Schöneck Mirjam, Rehbach Nicolas, Lotter-Becker Lars, Persigehl Thorsten, Lennartz Simon, Caldeira Liliana Lourenco
Institute for Diagnostic and Interventional Radiology, Faculty of Medicine and University Hospital Cologne, University of Cologne, 50937 Cologne, Germany.
Life (Basel). 2025 Jan 11;15(1):83. doi: 10.3390/life15010083.
Kirsten Rat Sarcoma viral oncogene homolog (KRAS) is a frequently occurring mutation in non-small-cell lung cancer (NSCLC) and influences cancer treatment and disease progression. In this study, a machine learning (ML) pipeline was applied to radiomic features extracted from public and internal CT images to identify KRAS mutations in NSCLC patients. Both datasets were analyzed using parametric ( test) and non-parametric statistical tests (Mann-Whitney U test) and dimensionality reduction techniques. Afterwards, the proposed ML pipeline was applied to both datasets using a five-fold cross-validation on the training set (70/30 train/test split) before being validated on the other dataset. The results show that the radiomic features are significantly different (Mann-Whitney U test; < 0.05) between the two datasets, despite the use of identical feature extraction methods. Model transferability is therefore difficult to achieve, which became evident during external testing (F1 score = 0.41). Oversampling, undersampling, clustering and harmonization techniques were applied to balance and harmonize the datasets, but did not improve the classification of KRAS mutation presence. In general, due to only a single moderate result (highest test F1 score = 0.67), the accuracy of KRAS prediction is not sufficient for clinical application. In future work, the complexity of KRAS mutation might be addressed by taking submutations into consideration. Larger multicentric datasets with balanced tumor stages, including multi-scanner datasets, seem to be necessary for building robust predictive models.

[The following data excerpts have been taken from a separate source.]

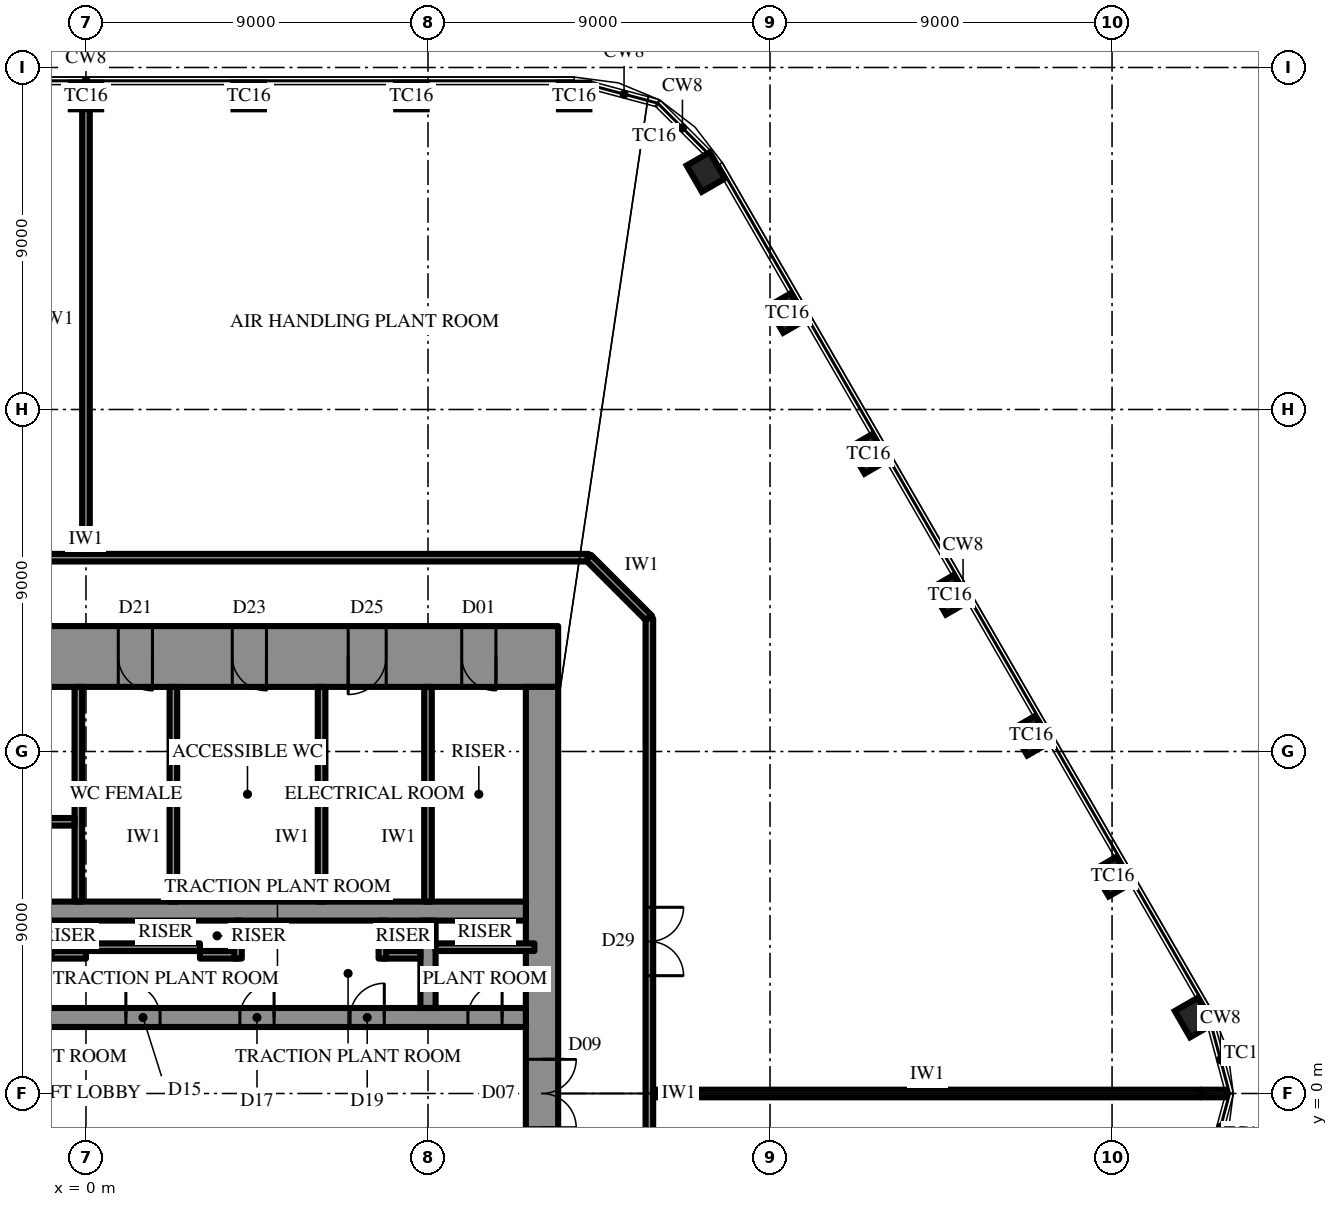
"""IFC4 building model, lengths in metres.
Left out: names, types, materials, properties, quantities, classifications, styles, units other than length and angle.
Written with IfcOpenShell. Run it as: python <this file> out.ifc"""

import sys

from ifc_helpers import new_model, si_unit, direction, frame, frame_2d, origin, origin_2d, place, context, subcontext, project, spatial, rectangle, extrude, element, fill, save


model = new_model("IFC4")
c1 = context("Model", 3, precision=1e-05, world=origin(), true_north=direction((0.0, 1.0)))
c2 = subcontext(c1, "Body", "Model", "MODEL_VIEW")
j1 = project(units=[si_unit("LENGTHUNIT", "METRE"), si_unit("PLANEANGLEUNIT", "RADIAN")], contexts=[c1])
p1 = place(None, origin())
s1 = spatial("IfcSite", under=j1, at=p1, CompositionType="ELEMENT")
p2 = place(p1, origin())
s2 = spatial("IfcBuilding", under=s1, at=p2, CompositionType="ELEMENT")
p3 = place(p2, frame((0.0, 0.0, 396.3)))
s3 = spatial("IfcBuildingStorey", under=s2, at=p3, CompositionType="ELEMENT", Elevation=396.3)
for number, where, z_axis, x_axis in (
    (1, (29.156, 2.0, 0.0), (0.0, 0.0, 1.0), (-0.5, 0.866, 0.0)),
    (2, (27.015, 5.708, 0.0), (0.0, 0.0, 1.0), (-0.5, 0.866, 0.0)),
    (3, (24.874, 9.417, 0.0), (0.0, 0.0, 1.0), (-0.5, 0.866, 0.0)),
    (4, (22.733, 13.125, 0.0), (0.0, 0.0, 1.0), (-0.5, 0.866, 0.0)),
    (5, (20.592, 16.833, 0.0), (0.0, 0.0, 1.0), (-0.5, 0.866, 0.0)),
    (6, (18.451, 20.542, 0.0), (0.0, 0.0, 1.0), (-0.5, 0.866, 0.0)),
    (7, (16.31, 24.25, 0.0), (0.0, 0.0, 1.0), (-0.5, 0.866, 0.0)),
    (8, (12.846, 26.25, 0.0), (0.0, 0.0, 1.0), (-1.0, 0.0, 0.0)),
    (9, (8.564, 26.25, 0.0), (0.0, 0.0, 1.0), (-1.0, 0.0, 0.0)),
    (10, (4.282, 26.25, 0.0), (0.0, 0.0, 1.0), (-1.0, 0.0, 0.0)),
    (11, (0.0, 26.25, 0.0), (0.0, 0.0, 1.0), (-1.0, 0.0, 0.0)),
):
    element("IfcColumn", number, at=place(p3, frame(where, z_axis=z_axis, x_axis=x_axis)), inside=s3, PredefinedType="COLUMN", context=c2, shape_type="SweptSolid", body=[
        extrude(rectangle(XDim=0.8, YDim=0.7, at=origin_2d()), origin(), (0.0, 0.0, 1.0), 6.0),
    ])
p4 = place(p3, frame((-12.425, 11.5, 0.0), z_axis=(0.0, 0.0, 1.0), x_axis=(1.0, 0.0, 0.0)))
e12 = element("IfcWall", 12, at=p4, inside=s3, PredefinedType="SHEAR", context=c2, shape_type="SweptSolid", body=[
    extrude(rectangle(XDim=24.85, YDim=1.6, at=frame_2d((12.425, 0.0))), origin(), (0.0, 0.0, 1.0), 6.0),
])
p5 = place(p4, frame((13.275, 0.0, 0.0)))
e13 = element("IfcOpeningElement", 13, at=p5, cuts=e12, PredefinedType="OPENING", context=c2, shape_type="SweptSolid", body=[
    extrude(rectangle(XDim=0.9, YDim=2.2, at=frame_2d((0.45, 1.1))), frame((0.0, 0.81, 0.0), z_axis=(0.0, -1.0, 0.0), x_axis=(1.0, 0.0, 0.0)), (0.0, 0.0, 1.0), 1.62),
])
p6 = place(p4, frame((16.275, 0.0, 0.0)))
e14 = element("IfcOpeningElement", 14, at=p6, cuts=e12, PredefinedType="OPENING", context=c2, shape_type="SweptSolid", body=[
    extrude(rectangle(XDim=0.9, YDim=2.2, at=frame_2d((0.45, 1.1))), frame((0.0, 0.81, 0.0), z_axis=(0.0, -1.0, 0.0), x_axis=(1.0, 0.0, 0.0)), (0.0, 0.0, 1.0), 1.62),
])
p7 = place(p4, frame((19.325, 0.0, 0.0)))
e15 = element("IfcOpeningElement", 15, at=p7, cuts=e12, PredefinedType="OPENING", context=c2, shape_type="SweptSolid", body=[
    extrude(rectangle(XDim=1.0, YDim=2.2, at=frame_2d((0.5, 1.1))), frame((0.0, 0.81, 0.0), z_axis=(0.0, -1.0, 0.0), x_axis=(1.0, 0.0, 0.0)), (0.0, 0.0, 1.0), 1.62),
])
p8 = place(p4, frame((1.637, 0.0, 0.0)))
e16 = element("IfcOpeningElement", 16, at=p8, cuts=e12, PredefinedType="OPENING", context=c2, shape_type="SweptSolid", body=[
    extrude(rectangle(XDim=0.9, YDim=2.2, at=frame_2d((0.45, 1.1))), frame((0.0, 0.81, 0.0), z_axis=(0.0, -1.0, 0.0), x_axis=(1.0, 0.0, 0.0)), (0.0, 0.0, 1.0), 1.62),
])
p9 = place(p4, frame((22.312, 0.0, 0.0)))
e17 = element("IfcOpeningElement", 17, at=p9, cuts=e12, PredefinedType="OPENING", context=c2, shape_type="SweptSolid", body=[
    extrude(rectangle(XDim=0.9, YDim=2.2, at=frame_2d((0.45, 1.1))), frame((0.0, 0.81, 0.0), z_axis=(0.0, -1.0, 0.0), x_axis=(1.0, 0.0, 0.0)), (0.0, 0.0, 1.0), 1.62),
])
p10 = place(p3, frame((12.0, -10.7, 0.0), z_axis=(0.0, 0.0, 1.0), x_axis=(0.0, 1.0, 0.0)))
e18 = element("IfcWall", 18, at=p10, inside=s3, PredefinedType="SHEAR", context=c2, shape_type="SweptSolid", body=[
    extrude(rectangle(XDim=21.4, YDim=0.85, at=frame_2d((10.7, 0.0))), origin(), (0.0, 0.0, 1.0), 6.0),
])
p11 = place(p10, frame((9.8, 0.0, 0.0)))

Kirsten大鼠肉瘤病毒癌基因同源物(KRAS)是在非小细胞肺癌(NSCLC)中经常出现的一种突变,它会影响癌症治疗和疾病进展。在本研究中,将一种机器学习(ML)流程应用于从公开和内部CT图像中提取的放射组学特征,以识别NSCLC患者中的KRAS突变。使用参数检验和非参数统计检验(曼-惠特尼U检验)以及降维技术对这两个数据集进行了分析。之后,在训练集(70/30训练/测试分割)上使用五折交叉验证将所提出的ML流程应用于这两个数据集,然后在另一个数据集上进行验证。结果表明,尽管使用了相同的特征提取方法,但这两个数据集之间的放射组学特征仍存在显著差异(曼-惠特尼U检验;P<0.05)。因此,模型可转移性难以实现,这在外部测试期间变得很明显(F1分数=0.41)。应用了过采样、欠采样、聚类和归一化技术来平衡和归一化数据集,但并未改善KRAS突变存在情况的分类。总体而言,由于只有一个中等结果(最高测试F1分数=0.67),KRAS预测的准确性不足以用于临床应用。在未来的工作中,可能需要通过考虑亚突变来解决KRAS突变的复杂性问题。似乎需要更大的具有平衡肿瘤分期的多中心数据集,包括多扫描仪数据集,来构建强大的预测模型。